The monthly report tracks house prices across the UK and monitors how much they change.
Of course, it's worth noting research that covers a longer period of time, such as quarterly or annual, gives a more accurate overview of the market.
The increase comes as the chancellor's stamp duty holiday for properties up to £500,000 kicks in, saving buyers thousands of pounds.
What is stamp duty?
STAMP duty land tax (SDLT) is a lump sum payment anyone buying a property or piece of land over a certain price has to pay.
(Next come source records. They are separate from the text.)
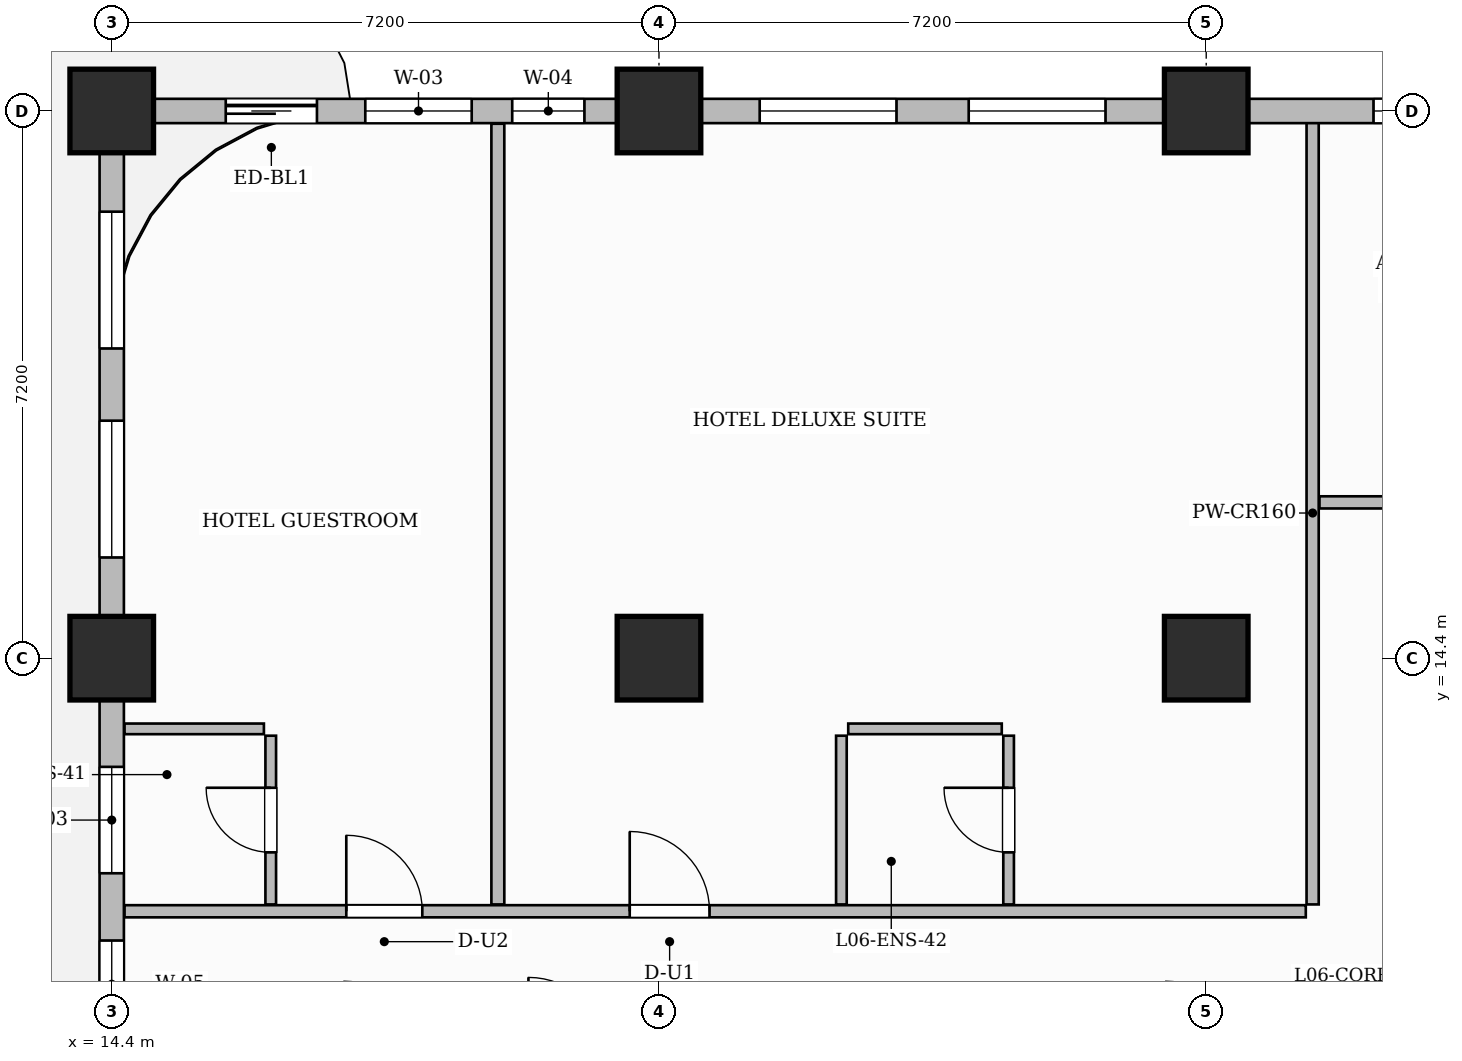
"""IFC4 building model, lengths in metres.
Left out: names, types, materials, properties, quantities, classifications, styles, units other than length and angle.
Written with IfcOpenShell. Run it as: python <this file> out.ifc"""

import sys

from ifc_helpers import new_model, si_unit, direction, frame, frame_2d, origin, origin_2d, place, context, subcontext, project, spatial, rectangle, extrude, source, transform, mapped, element, fill, save


model = new_model("IFC4")
c1 = context("Model", 3, precision=1e-05, world=origin(), true_north=direction((0.0, 1.0)))
c2 = subcontext(c1, "Body", "Model", "MODEL_VIEW")
j1 = project(units=[si_unit("LENGTHUNIT", "METRE"), si_unit("PLANEANGLEUNIT", "RADIAN")], contexts=[c1])
p1 = place(None, origin())
s1 = spatial("IfcSite", under=j1, at=p1, CompositionType="ELEMENT")
p2 = place(p1, origin())
s2 = spatial("IfcBuilding", under=s1, at=p2, CompositionType="ELEMENT")
p3 = place(p2, frame((0.0, 0.0, 32.4)))
s3 = spatial("IfcBuildingStorey", under=s2, at=p3, CompositionType="ELEMENT", Elevation=32.4)
m1 = source(origin(), c2, "Body", "SweptSolid", [
    extrude(rectangle(XDim=1.1, YDim=1.1, at=origin_2d()), origin(), (0.0, 0.0, 1.0), 3.7),
])
for number, where, z_axis, x_axis in (
    (1, (14.4, 14.4, 0.0), (0.0, 0.0, 1.0), (1.0, 0.0, 0.0)),
    (2, (14.4, 21.6, 0.0), (0.0, 0.0, 1.0), (1.0, 0.0, 0.0)),
    (3, (21.6, 14.4, 0.0), (0.0, 0.0, 1.0), (1.0, 0.0, 0.0)),
    (4, (21.6, 21.6, 0.0), (0.0, 0.0, 1.0), (1.0, 0.0, 0.0)),
    (5, (28.8, 14.4, 0.0), (0.0, 0.0, 1.0), (1.0, 0.0, 0.0)),
    (6, (28.8, 21.6, 0.0), (0.0, 0.0, 1.0), (1.0, 0.0, 0.0)),
):
    element("IfcColumn", number, at=place(p3, frame(where, z_axis=z_axis, x_axis=x_axis)), inside=s3, PredefinedType="COLUMN", context=c2, shape_type="MappedRepresentation", body=[
        mapped(m1, transform((0.0, 0.0, 0.0), scale=1.0)),
    ])
p4 = place(p3, frame((14.568, 11.07, 0.0), z_axis=(0.0, 0.0, 1.0), x_axis=(1.0, 0.0, 0.0)))
e7 = element("IfcWall", 7, at=p4, inside=s3, PredefinedType="PARTITIONING", context=c2, shape_type="SweptSolid", body=[
    extrude(rectangle(XDim=15.542, YDim=0.16, at=frame_2d((7.771, 0.0))), origin(), (0.0, 0.0, 1.0), 3.45),
])
p5 = place(p4, frame((2.918, 0.0, 0.0)))
e8 = element("IfcOpeningElement", 8, at=p5, cuts=e7, PredefinedType="OPENING", context=c2, shape_type="SweptSolid", body=[
    extrude(rectangle(XDim=1.0, YDim=2.2, at=frame_2d((0.5, 1.1))), frame((0.0, 0.09, 0.0), z_axis=(0.0, -1.0, 0.0), x_axis=(1.0, 0.0, 0.0)), (0.0, 0.0, 1.0), 0.18),
])
p6 = place(p4, frame((6.647, 0.0, 0.0)))
e9 = element("IfcOpeningElement", 9, at=p6, cuts=e7, PredefinedType="OPENING", context=c2, shape_type="SweptSolid", body=[
    extrude(rectangle(XDim=1.05, YDim=2.25, at=frame_2d((0.525, 1.125))), frame((0.0, 0.09, 0.0), z_axis=(0.0, -1.0, 0.0), x_axis=(1.0, 0.0, 0.0)), (0.0, 0.0, 1.0), 0.18),
])
p7 = place(p3, frame((30.2, 11.16, 0.0), z_axis=(0.0, 0.0, 1.0), x_axis=(0.0, 1.0, 0.0)))
e10 = element("IfcWall", 10, at=p7, inside=s3, PredefinedType="PARTITIONING", context=c2, shape_type="SweptSolid", body=[
    extrude(rectangle(XDim=10.3, YDim=0.16, at=frame_2d((5.15, 0.0))), origin(), (0.0, 0.0, 1.0), 3.45),
])
p8 = place(p3, frame((30.29, 16.45, 0.0), z_axis=(0.0, 0.0, 1.0), x_axis=(1.0, 0.0, 0.0)))
e11 = element("IfcWall", 11, at=p8, inside=s3, PredefinedType="PARTITIONING", context=c2, shape_type="SweptSolid", body=[
    extrude(rectangle(XDim=19.37, YDim=0.16, at=frame_2d((9.685, 0.0))), origin(), (0.0, 0.0, 1.0), 3.45),
])
p9 = place(p8, frame((1.185, 0.0, 0.0)))
e12 = element("IfcOpeningElement", 12, at=p9, cuts=e11, PredefinedType="OPENING", context=c2, shape_type="SweptSolid", body=[
    extrude(rectangle(XDim=0.85, YDim=2.1, at=frame_2d((0.425, 1.05))), frame((0.0, 0.09, 0.0), z_axis=(0.0, -1.0, 0.0), x_axis=(1.0, 0.0, 0.0)), (0.0, 0.0, 1.0), 0.18),
])
p10 = place(p8, frame((6.66, 0.0, 0.0)))
e13 = element("IfcOpeningElement", 13, at=p10, cuts=e11, PredefinedType="OPENING", context=c2, shape_type="SweptSolid", body=[
    extrude(rectangle(XDim=0.9, YDim=2.15, at=frame_2d((0.45, 1.075))), frame((0.0, 0.09, 0.0), z_axis=(0.0, -1.0, 0.0), x_axis=(1.0, 0.0, 0.0)), (0.0, 0.0, 1.0), 0.18),
])
p11 = place(p8, frame((14.46, 0.0, 0.0)))
e14 = element("IfcOpeningElement", 14, at=p11, cuts=e11, PredefinedType="OPENING", context=c2, shape_type="SweptSolid", body=[
    extrude(rectangle(XDim=1.4, YDim=2.35, at=frame_2d((0.7, 1.175))), frame((0.0, 0.09, 0.0), z_axis=(0.0, -1.0, 0.0), x_axis=(1.0, 0.0, 0.0)), (0.0, 0.0, 1.0), 0.18),
])
p12 = place(p3, frame((19.48, 11.16, 0.0), z_axis=(0.0, 0.0, 1.0), x_axis=(0.0, 1.0, 0.0)))
e15 = element("IfcWall", 15, at=p12, inside=s3, PredefinedType="PARTITIONING", context=c2, shape_type="SweptSolid", body=[
    extrude(rectangle(XDim=10.272, YDim=0.17, at=frame_2d((5.136, 0.0))), origin(), (0.0, 0.0, 1.0), 3.45),
])
p13 = place(p3, frame((16.492, 11.16, 0.0), z_axis=(0.0, 0.0, 1.0), x_axis=(0.0, 1.0, 0.0)))
e16 = element("IfcWall", 16, at=p13, inside=s3, PredefinedType="PARTITIONING", context=c2, shape_type="SweptSolid", body=[
    extrude(rectangle(XDim=2.22, YDim=0.14, at=frame_2d((1.11, 0.0))), origin(), (0.0, 0.0, 1.0), 3.45),
])
p14 = place(p13, frame((0.685, 0.0, 0.0)))
e17 = element("IfcOpeningElement", 17, at=p14, cuts=e16, PredefinedType="OPENING", context=c2, shape_type="SweptSolid", body=[
    extrude(rectangle(XDim=0.85, YDim=2.1, at=frame_2d((0.425, 1.05))), frame((0.0, 0.08, 0.0), z_axis=(0.0, -1.0, 0.0), x_axis=(1.0, 0.0, 0.0)), (0.0, 0.0, 1.0), 0.16),
])
p15 = place(p3, frame((14.568, 13.47, 0.0), z_axis=(0.0, 0.0, 1.0), x_axis=(1.0, 0.0, 0.0)))
e18 = element("IfcWall", 18, at=p15, inside=s3, PredefinedType="PARTITIONING", context=c2, shape_type="SweptSolid", body=[
    extrude(rectangle(XDim=1.834, YDim=0.14, at=frame_2d((0.917, 0.0))), origin(), (0.0, 0.0, 1.0), 3.45),
])
p16 = place(p3, frame((24.0, 11.16, 0.0), z_axis=(0.0, 0.0, 1.0), x_axis=(0.0, 1.0, 0.0)))
e19 = element("IfcWall", 19, at=p16, inside=s3, PredefinedType="PARTITIONING", context=c2, shape_type="SweptSolid", body=[
    extrude(rectangle(XDim=2.22, YDim=0.14, at=frame_2d((1.11, 0.0))), origin(), (0.0, 0.0, 1.0), 3.45),
])
p17 = place(p3, frame((26.2, 11.16, 0.0), z_axis=(0.0, 0.0, 1.0), x_axis=(0.0, 1.0, 0.0)))
e20 = element("IfcWall", 20, at=p17, inside=s3, PredefinedType="PARTITIONING", context=c2, shape_type="SweptSolid", body=[
    extrude(rectangle(XDim=2.22, YDim=0.14, at=frame_2d((1.11, 0.0))), origin(), (0.0, 0.0, 1.0), 3.45),
])
p18 = place(p17, frame((0.685, 0.0, 0.0)))
e21 = element("IfcOpeningElement", 21, at=p18, cuts=e20, PredefinedType="OPENING", context=c2, shape_type="SweptSolid", body=[
    extrude(rectangle(XDim=0.85, YDim=2.1, at=frame_2d((0.425, 1.05))), frame((0.0, 0.08, 0.0), z_axis=(0.0, -1.0, 0.0), x_axis=(1.0, 0.0, 0.0)), (0.0, 0.0, 1.0), 0.16),
])
p19 = place(p3, frame((24.09, 13.47, 0.0), z_axis=(0.0, 0.0, 1.0), x_axis=(1.0, 0.0, 0.0)))
e22 = element("IfcWall", 22, at=p19, inside=s3, PredefinedType="PARTITIONING", context=c2, shape_type="SweptSolid", body=[
    extrude(rectangle(XDim=2.02, YDim=0.14, at=frame_2d((1.01, 0.0))), origin(), (0.0, 0.0, 1.0), 3.45),
])
p20 = place(p3, frame((14.4, 21.6, 0.0), z_axis=(0.0, 0.0, 1.0), x_axis=(1.0, 0.0, 0.0)))
e23 = element("IfcWall", 23, at=p20, inside=s3, PredefinedType="SOLIDWALL", context=c2, shape_type="SweptSolid", body=[
    extrude(rectangle(XDim=43.2, YDim=0.32, at=frame_2d((21.6, 0.0))), origin(), (0.0, 0.0, 1.0), 2.885),
])
p21 = place(p20, frame((1.5, 0.0, 0.0)))
e24 = element("IfcOpeningElement", 24, at=p21, cuts=e23, PredefinedType="OPENING", context=c2, shape_type="SweptSolid", body=[
    extrude(rectangle(XDim=1.2, YDim=2.2, at=frame_2d((0.6, 1.1))), frame((0.0, 0.17, 0.0), z_axis=(0.0, -1.0, 0.0), x_axis=(1.0, 0.0, 0.0)), (0.0, 0.0, 1.0), 0.34),
])
p22 = place(p20, frame((3.336, 0.0, 0.8)))
e25 = element("IfcOpeningElement", 25, at=p22, cuts=e23, PredefinedType="OPENING", context=c2, shape_type="SweptSolid", body=[
    extrude(rectangle(XDim=1.4, YDim=1.85, at=frame_2d((0.7, 0.925))), frame((0.0, 0.17, 0.0), z_axis=(0.0, -1.0, 0.0), x_axis=(1.0, 0.0, 0.0)), (0.0, 0.0, 1.0), 0.34),
])
p23 = place(p20, frame((5.269, 0.0, 0.8)))
e26 = element("IfcOpeningElement", 26, at=p23, cuts=e23, PredefinedType="OPENING", context=c2, shape_type="SweptSolid", body=[
    extrude(rectangle(XDim=0.95, YDim=1.75, at=frame_2d((0.475, 0.875))), frame((0.0, 0.17, 0.0), z_axis=(0.0, -1.0, 0.0), x_axis=(1.0, 0.0, 0.0)), (0.0, 0.0, 1.0), 0.34),
])
p24 = place(p20, frame((8.525, 0.0, 0.8)))
e27 = element("IfcOpeningElement", 27, at=p24, cuts=e23, PredefinedType="OPENING", context=c2, shape_type="SweptSolid", body=[
    extrude(rectangle(XDim=1.8, YDim=1.85, at=frame_2d((0.9, 0.925))), frame((0.0, 0.17, 0.0), z_axis=(0.0, -1.0, 0.0), x_axis=(1.0, 0.0, 0.0)), (0.0, 0.0, 1.0), 0.34),
])
p25 = place(p20, frame((11.275, 0.0, 0.8)))
e28 = element("IfcOpeningElement", 28, at=p25, cuts=e23, PredefinedType="OPENING", context=c2, shape_type="SweptSolid", body=[
    extrude(rectangle(XDim=1.8, YDim=1.85, at=frame_2d((0.9, 0.925))), frame((0.0, 0.17, 0.0), z_axis=(0.0, -1.0, 0.0), x_axis=(1.0, 0.0, 0.0)), (0.0, 0.0, 1.0), 0.34),
])
p26 = place(p20, frame((16.601, 0.0, 0.8)))
e29 = element("IfcOpeningElement", 29, at=p26, cuts=e23, PredefinedType="OPENING", context=c2, shape_type="SweptSolid", body=[
    extrude(rectangle(XDim=1.8, YDim=1.85, at=frame_2d((0.9, 0.925))), frame((0.0, 0.17, 0.0), z_axis=(0.0, -1.0, 0.0), x_axis=(1.0, 0.0, 0.0)), (0.0, 0.0, 1.0), 0.34),
])
p27 = place(p20, frame((21.723, 0.0, 0.8)))
e30 = element("IfcOpeningElement", 30, at=p27, cuts=e23, PredefinedType="OPENING", context=c2, shape_type="SweptSolid", body=[
    extrude(rectangle(XDim=1.8, YDim=1.85, at=frame_2d((0.9, 0.925))), frame((0.0, 0.17, 0.0), z_axis=(0.0, -1.0, 0.0), x_axis=(1.0, 0.0, 0.0)), (0.0, 0.0, 1.0), 0.34),
])
p28 = place(p20, frame((24.469, 0.0, 0.8)))
e31 = element("IfcOpeningElement", 31, at=p28, cuts=e23, PredefinedType="OPENING", context=c2, shape_type="SweptSolid", body=[
    extrude(rectangle(XDim=1.8, YDim=1.85, at=frame_2d((0.9, 0.925))), frame((0.0, 0.17, 0.0), z_axis=(0.0, -1.0, 0.0), x_axis=(1.0, 0.0, 0.0)), (0.0, 0.0, 1.0), 0.34),
])
p29 = place(p20, frame((29.075, 0.0, 0.8)))
e32 = element("IfcOpeningElement", 32, at=p29, cuts=e23, PredefinedType="OPENING", context=c2, shape_type="SweptSolid", body=[
    extrude(rectangle(XDim=1.8, YDim=1.85, at=frame_2d((0.9, 0.925))), frame((0.0, 0.17, 0.0), z_axis=(0.0, -1.0, 0.0), x_axis=(1.0, 0.0, 0.0)), (0.0, 0.0, 1.0), 0.34),
])
p30 = place(p20, frame((32.125, 0.0, 0.8)))
e33 = element("IfcOpeningElement", 33, at=p30, cuts=e23, PredefinedType="OPENING", context=c2, shape_type="SweptSolid", body=[
    extrude(rectangle(XDim=1.8, YDim=1.85, at=frame_2d((0.9, 0.925))), frame((0.0, 0.17, 0.0), z_axis=(0.0, -1.0, 0.0), x_axis=(1.0, 0.0, 0.0)), (0.0, 0.0, 1.0), 0.34),
])
p31 = place(p20, frame((36.875, 0.0, 0.8)))
e34 = element("IfcOpeningElement", 34, at=p31, cuts=e23, PredefinedType="OPENING", context=c2, shape_type="SweptSolid", body=[
    extrude(rectangle(XDim=1.8, YDim=1.85, at=frame_2d((0.9, 0.925))), frame((0.0, 0.17, 0.0), z_axis=(0.0, -1.0, 0.0), x_axis=(1.0, 0.0, 0.0)), (0.0, 0.0, 1.0), 0.34),
])
p32 = place(p20, frame((39.925, 0.0, 0.8)))
e35 = element("IfcOpeningElement", 35, at=p32, cuts=e23, PredefinedType="OPENING", context=c2, shape_type="SweptSolid", body=[
    extrude(rectangle(XDim=1.8, YDim=1.85, at=frame_2d((0.9, 0.925))), frame((0.0, 0.17, 0.0), z_axis=(0.0, -1.0, 0.0), x_axis=(1.0, 0.0, 0.0)), (0.0, 0.0, 1.0), 0.34),
])
p33 = place(p3, frame((14.4, 0.05, 0.0), z_axis=(0.0, 0.0, 1.0), x_axis=(0.0, 1.0, 0.0)))
e36 = element("IfcWall", 36, at=p33, inside=s3, PredefinedType="SOLIDWALL", context=c2, shape_type="SweptSolid", body=[
    extrude(rectangle(XDim=21.5, YDim=0.32, at=frame_2d((10.75, 0.0))), origin(), (0.0, 0.0, 1.0), 2.885),
])
p34 = place(p33, frame((1.275, 0.0, 0.8)))
e37 = element("IfcOpeningElement", 37, at=p34, cuts=e36, PredefinedType="OPENING", context=c2, shape_type="SweptSolid", body=[
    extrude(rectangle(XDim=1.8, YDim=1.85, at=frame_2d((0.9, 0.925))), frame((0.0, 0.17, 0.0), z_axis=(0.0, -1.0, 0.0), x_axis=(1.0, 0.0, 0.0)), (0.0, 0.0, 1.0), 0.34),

Up until July 8, most house-buyers in England and Northern Ireland had to pay stamp duty on properties over £125,000.
This was temporarily increased to £500,000 until March 31, 2021 in the government's mini-Budget in July 2020.
The rate a buyer has to fork out varies depending on the price and type of property.
Rates are different depending on whether it is residential, a second home or buy-to-let, or whether you're a first-time buyer.
The usual system in England for residential properties means:
- First-time buyers pay nothing on properties below £300,000 (and relief available on properties of up to £500,000)
- You pay nothing if the property costs below £125,000
- You pay 2 per cent if it is worth between £125,001 and £250,000
- You pay 5 per cent if between £250,001 and up to £925,000
- You pay 10 per cent if it is between £925,001 and £1.5million
- You pay 12 per cent on anything over £1.5million
For second homes or buy to let properties:
- 3 per cent on purchases up to 125,000
- 5 per cent on purchases between £125,001 and £250,000
- 8 per cent on purchases above £250,001 and £925,000
- 13 per cent on purchases above £925,001 and £1.5 million
- 15 per cent on purchases above £1.5 million
Stamp duty rates are different in and .
Rishi Sunak's house move perk aims to boost the economy through the property market after it almost stopped completely in the first months of lockdown.
But critics warned the tax break could push up prices as buyers now have more cash to compete with others to secure deals.
House prices fell by 0.3 per cent in March, and again by 0.6 per cent in April as the UK shutdown to slow the spread of the coronavirus.
In May, they dropped again by 0.2 per cent according to the index, and stayed the same in June.
The number of new homes going onto the market has remained low though, meaning there's stiffer competition among buyers which has also contributed to rising prices.
Russell Galley, managing director, Halifax, added that "the immediate future for the housing market looks brighter than many might have expected three months ago".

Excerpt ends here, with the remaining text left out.